The background process that was kicked off to collect the sitemap for a site with an insanely large sitemap would take quite a while going about it, consuming more and more server resources as it went. Over time, this would approximate to consuming all server resources and bring things to a grinding halt. All things.
As a quick and messy fix to the problem of the production server breaking in style every now and again without warning, I scheduled a job to run every few minutes that would kill any sitemap-gathering process that had been running for longer than 2 minutes.
The fix was quick and messy but allowed me to do anything other than keep a constant eye on the production server. That was good enough for me and let me get on with anything else.
This did mean that there was still a small subset of the Internet that could not be tested. And if you tried to test one of such sites, you test would get stuck at "Finding URLs to test: looking for sitemap or news feed" and stay like that forever. This is not a good experience.
This week I set about sorting out this mess once and for all.
Handling Sites With Insanely Large Sitemaps
I was examining a particular site earlier this week. It had a very large sitemap. "How large is large?", I hear you ask.
The site I was examining had a single index listing 1396 sitemaps, each listing about 8,000 URLs. That's about 11 million URLs.
This particular site also had an interesting property: it was very slow. When a slow site serves a single web page it may take some seconds longer than you expect.
When a slow site is so slow that it times out serving a single sitemap and when the site has 1396 sitemaps to give you, you end up waiting around a long time.
Each request to retrieve each sitemap is given 30 seconds to go about it. This is more than enough time for the majority of sites and includes plenty of waiting time for any regularly-slow site.
But for a site with 1396 sitemaps each timing out after 30 seconds, you have to wait 1396 * 30 seconds to finish the process of retrieving the full sitemap from which to gather URLs to be tested.
1396 * 30 seconds might sound like a while but it's hard to fully appreciate as we don't normally encounter large amounts of seconds. It seems long, but how long? It's about 11 hours, that's how long.
Even if the production server didn't have a background process that periodically killed off long-running processes that were stuck collecting sitemaps, I can't imagine you'd sit around waiting 11 hours for your test to start. Personally, I'd definitely give up after 5 hours.

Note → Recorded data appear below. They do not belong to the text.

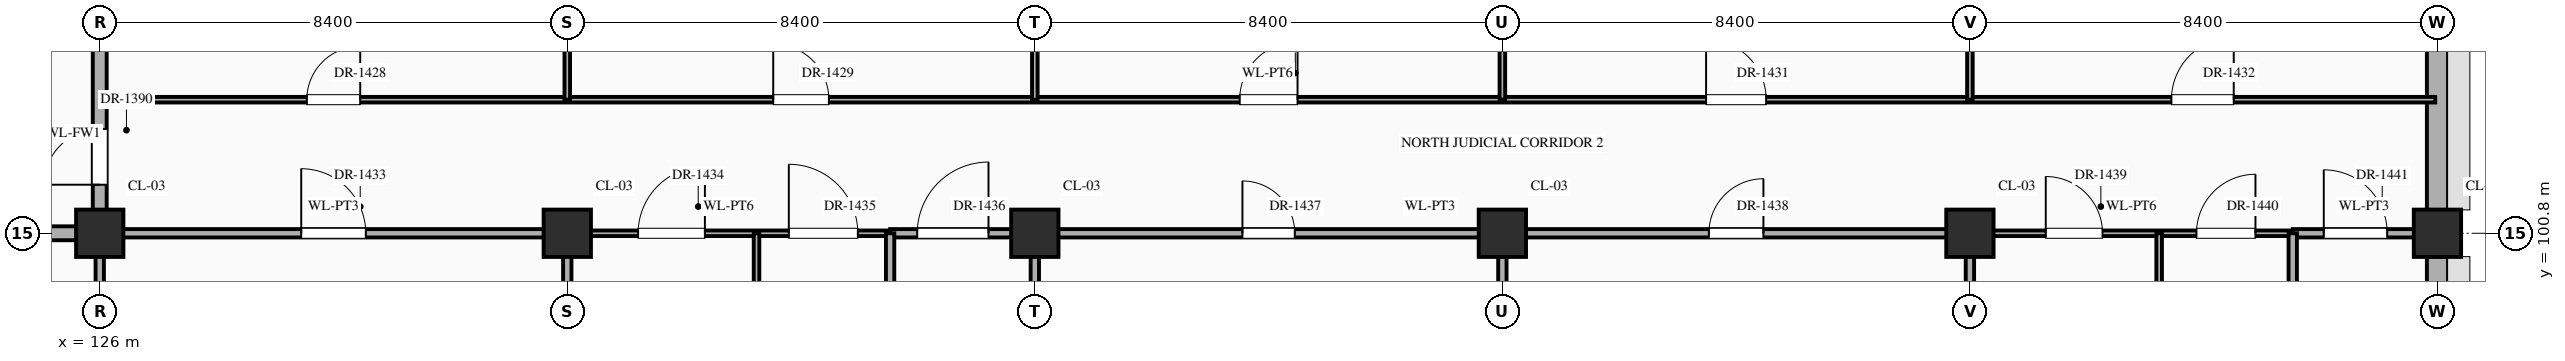
"""IFC4 building model, lengths in metres.
Left out: names, types, materials, properties, quantities, classifications, styles, units other than length and angle.
Written with IfcOpenShell. Run it as: python <this file> out.ifc"""

import sys

from ifc_helpers import new_model, si_unit, direction, frame, frame_2d, origin, origin_2d, place, context, subcontext, project, spatial, rectangle, extrude, element, fill, save


model = new_model("IFC4")
c1 = context("Model", 3, precision=1e-05, world=origin(), true_north=direction((0.0, 1.0)))
c2 = subcontext(c1, "Body", "Model", "MODEL_VIEW")
j1 = project(units=[si_unit("LENGTHUNIT", "METRE"), si_unit("PLANEANGLEUNIT", "RADIAN")], contexts=[c1])
p1 = place(None, origin())
s1 = spatial("IfcSite", under=j1, at=p1, CompositionType="ELEMENT")
p2 = place(p1, origin())
s2 = spatial("IfcBuilding", under=s1, at=p2, CompositionType="ELEMENT")
p3 = place(p2, frame((0.0, 0.0, 10.8)))
s3 = spatial("IfcBuildingStorey", under=s2, at=p3, CompositionType="ELEMENT", Elevation=10.8)
for number, where, z_axis, x_axis in (
    (1, (126.0, 100.8, 0.0), (0.0, 0.0, 1.0), (1.0, 0.0, 0.0)),
    (2, (134.4, 100.8, 0.0), (0.0, 0.0, 1.0), (1.0, 0.0, 0.0)),
    (3, (142.8, 100.8, 0.0), (0.0, 0.0, 1.0), (1.0, 0.0, 0.0)),
    (4, (151.2, 100.8, 0.0), (0.0, 0.0, 1.0), (1.0, 0.0, 0.0)),
    (5, (159.6, 100.8, 0.0), (0.0, 0.0, 1.0), (1.0, 0.0, 0.0)),
    (6, (168.0, 100.8, 0.0), (0.0, 0.0, 1.0), (1.0, 0.0, 0.0)),
):
    element("IfcColumn", number, at=place(p3, frame(where, z_axis=z_axis, x_axis=x_axis)), inside=s3, PredefinedType="COLUMN", context=c2, shape_type="SweptSolid", body=[
        extrude(rectangle(XDim=0.85, YDim=0.85, at=origin_2d()), origin(), (0.0, 0.0, 1.0), 5.4),
    ])
p4 = place(p3, frame((168.0, 94.02, 0.0), z_axis=(0.0, 0.0, 1.0), x_axis=(0.0, 1.0, 0.0)))
e7 = element("IfcWall", 7, at=p4, inside=s3, PredefinedType="STANDARD", context=c2, shape_type="SweptSolid", body=[
    extrude(rectangle(XDim=6.36, YDim=0.38, at=frame_2d((3.18, 0.0))), origin(), (0.0, 0.0, 1.0), 4.47),
])
p5 = place(p4, frame((3.805, 0.0, 0.85)))
e8 = element("IfcOpeningElement", 8, at=p5, cuts=e7, PredefinedType="OPENING", context=c2, shape_type="SweptSolid", body=[
    extrude(rectangle(XDim=1.35, YDim=1.2, at=frame_2d((0.675, 0.6))), frame((0.0, 0.202, 0.0), z_axis=(0.0, -1.0, 0.0), x_axis=(1.0, 0.0, 0.0)), (0.0, 0.0, 1.0), 0.404),
])
p6 = place(p3, frame((168.0, 101.22, 0.0), z_axis=(0.0, 0.0, 1.0), x_axis=(0.0, 1.0, 0.0)))
e9 = element("IfcWall", 9, at=p6, inside=s3, PredefinedType="STANDARD", context=c2, shape_type="SweptSolid", body=[
    extrude(rectangle(XDim=6.36, YDim=0.38, at=frame_2d((3.18, 0.0))), origin(), (0.0, 0.0, 1.0), 4.47),
])
p7 = place(p6, frame((3.805, 0.0, 0.85)))
e10 = element("IfcOpeningElement", 10, at=p7, cuts=e9, PredefinedType="OPENING", context=c2, shape_type="SweptSolid", body=[
    extrude(rectangle(XDim=1.35, YDim=1.38, at=frame_2d((0.675, 0.69))), frame((0.0, 0.202, 0.0), z_axis=(0.0, -1.0, 0.0), x_axis=(1.0, 0.0, 0.0)), (0.0, 0.0, 1.0), 0.404),
])
p8 = place(p3, frame((121.8, 100.8, 0.0), z_axis=(0.0, 0.0, 1.0), x_axis=(1.0, 0.0, 0.0)))
e11 = element("IfcWall", 11, at=p8, inside=s3, PredefinedType="STANDARD", context=c2, shape_type="SweptSolid", body=[
    extrude(rectangle(XDim=4.2, YDim=0.25, at=frame_2d((2.1, 0.0))), origin(), (0.0, 0.0, 1.0), 4.27),
])
p9 = place(p3, frame((126.0, 100.8, 0.0), z_axis=(0.0, 0.0, 1.0), x_axis=(1.0, 0.0, 0.0)))
e12 = element("IfcWall", 12, at=p9, inside=s3, PredefinedType="STANDARD", context=c2, shape_type="SweptSolid", body=[
    extrude(rectangle(XDim=8.4, YDim=0.15, at=frame_2d((4.2, 0.0))), origin(), (0.0, 0.0, 1.0), 4.27),
])
p10 = place(p9, frame((3.62, 0.0, 0.0)))
e13 = element("IfcOpeningElement", 13, at=p10, cuts=e12, PredefinedType="OPENING", context=c2, shape_type="SweptSolid", body=[
    extrude(rectangle(XDim=1.16, YDim=2.3, at=frame_2d((0.58, 1.15))), frame((0.0, 0.087, 0.0), z_axis=(0.0, -1.0, 0.0), x_axis=(1.0, 0.0, 0.0)), (0.0, 0.0, 1.0), 0.174),
])
p11 = place(p3, frame((134.4, 100.8, 0.0), z_axis=(0.0, 0.0, 1.0), x_axis=(1.0, 0.0, 0.0)))
e14 = element("IfcWall", 14, at=p11, inside=s3, PredefinedType="STANDARD", context=c2, shape_type="SweptSolid", body=[
    extrude(rectangle(XDim=5.8, YDim=0.1, at=frame_2d((2.9, 0.0))), origin(), (0.0, 0.0, 1.0), 4.27),
])
p12 = place(p11, frame((1.272, 0.0, 0.0)))
e15 = element("IfcOpeningElement", 15, at=p12, cuts=e14, PredefinedType="OPENING", context=c2, shape_type="SweptSolid", body=[
    extrude(rectangle(XDim=1.2, YDim=2.35, at=frame_2d((0.6, 1.175))), frame((0.0, 0.062, 0.0), z_axis=(0.0, -1.0, 0.0), x_axis=(1.0, 0.0, 0.0)), (0.0, 0.0, 1.0), 0.124),
])
p13 = place(p11, frame((3.98, 0.0, 0.0)))
e16 = element("IfcOpeningElement", 16, at=p13, cuts=e14, PredefinedType="OPENING", context=c2, shape_type="SweptSolid", body=[
    extrude(rectangle(XDim=1.24, YDim=2.3, at=frame_2d((0.62, 1.15))), frame((0.0, 0.062, 0.0), z_axis=(0.0, -1.0, 0.0), x_axis=(1.0, 0.0, 0.0)), (0.0, 0.0, 1.0), 0.124),
])
p14 = place(p3, frame((140.2, 100.8, 0.0), z_axis=(0.0, 0.0, 1.0), x_axis=(1.0, 0.0, 0.0)))
e17 = element("IfcWall", 17, at=p14, inside=s3, PredefinedType="STANDARD", context=c2, shape_type="SweptSolid", body=[
    extrude(rectangle(XDim=19.4, YDim=0.15, at=frame_2d((9.7, 0.0))), origin(), (0.0, 0.0, 1.0), 4.27),
])
p15 = place(p14, frame((0.488, 0.0, 0.0)))
e18 = element("IfcOpeningElement", 18, at=p15, cuts=e17, PredefinedType="OPENING", context=c2, shape_type="SweptSolid", body=[
    extrude(rectangle(XDim=1.28, YDim=2.35, at=frame_2d((0.64, 1.175))), frame((0.0, 0.087, 0.0), z_axis=(0.0, -1.0, 0.0), x_axis=(1.0, 0.0, 0.0)), (0.0, 0.0, 1.0), 0.174),
])
p16 = place(p14, frame((6.33, 0.0, 0.0)))
e19 = element("IfcOpeningElement", 19, at=p16, cuts=e17, PredefinedType="OPENING", context=c2, shape_type="SweptSolid", body=[
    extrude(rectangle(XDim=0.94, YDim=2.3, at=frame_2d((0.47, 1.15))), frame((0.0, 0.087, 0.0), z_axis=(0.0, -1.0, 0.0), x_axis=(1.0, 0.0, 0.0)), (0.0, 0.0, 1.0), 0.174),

The ability to specify a timeout value for a HTTP request is pretty universal and certainly available to, and most likely used by, any application that uses cURL in the background to handle HTTP communication.
In this case that wasn't helping. I could reduce the timeout per HTTP request from 30 seconds to 1 second. I'd then only have to wait about 20 minutes to fail to retrieve a very large collection of sitemaps.
Well, that's not going to work. 20 minutes is still about 19 minutes longer than I'd like. And then there would be a problem with regularly-slow sites that spent a whole 2 seconds to serve up their sitemaps.
I then hit upon the so-obvious-why-didn't-I-think-of-it-before solution of specifying a timeout to be applied to a collection of HTTP requests instead of just one.
Every site now has a full 60 seconds for the full sitemap to be retrieved. It your site has 1396 large sitemaps and isn't slow and serves them up at a rate of 1 per second, the first 60 would be retrieved and the rest would be ignored.
Not all the URLs of such a site would be discovered, but a lot would, certainly enough to give you a good idea of the overall quality of your site once all the tests you selected had finished.
There is now definitely no site that cannot be tested. Updates will follow as soon as I found out that this is not true.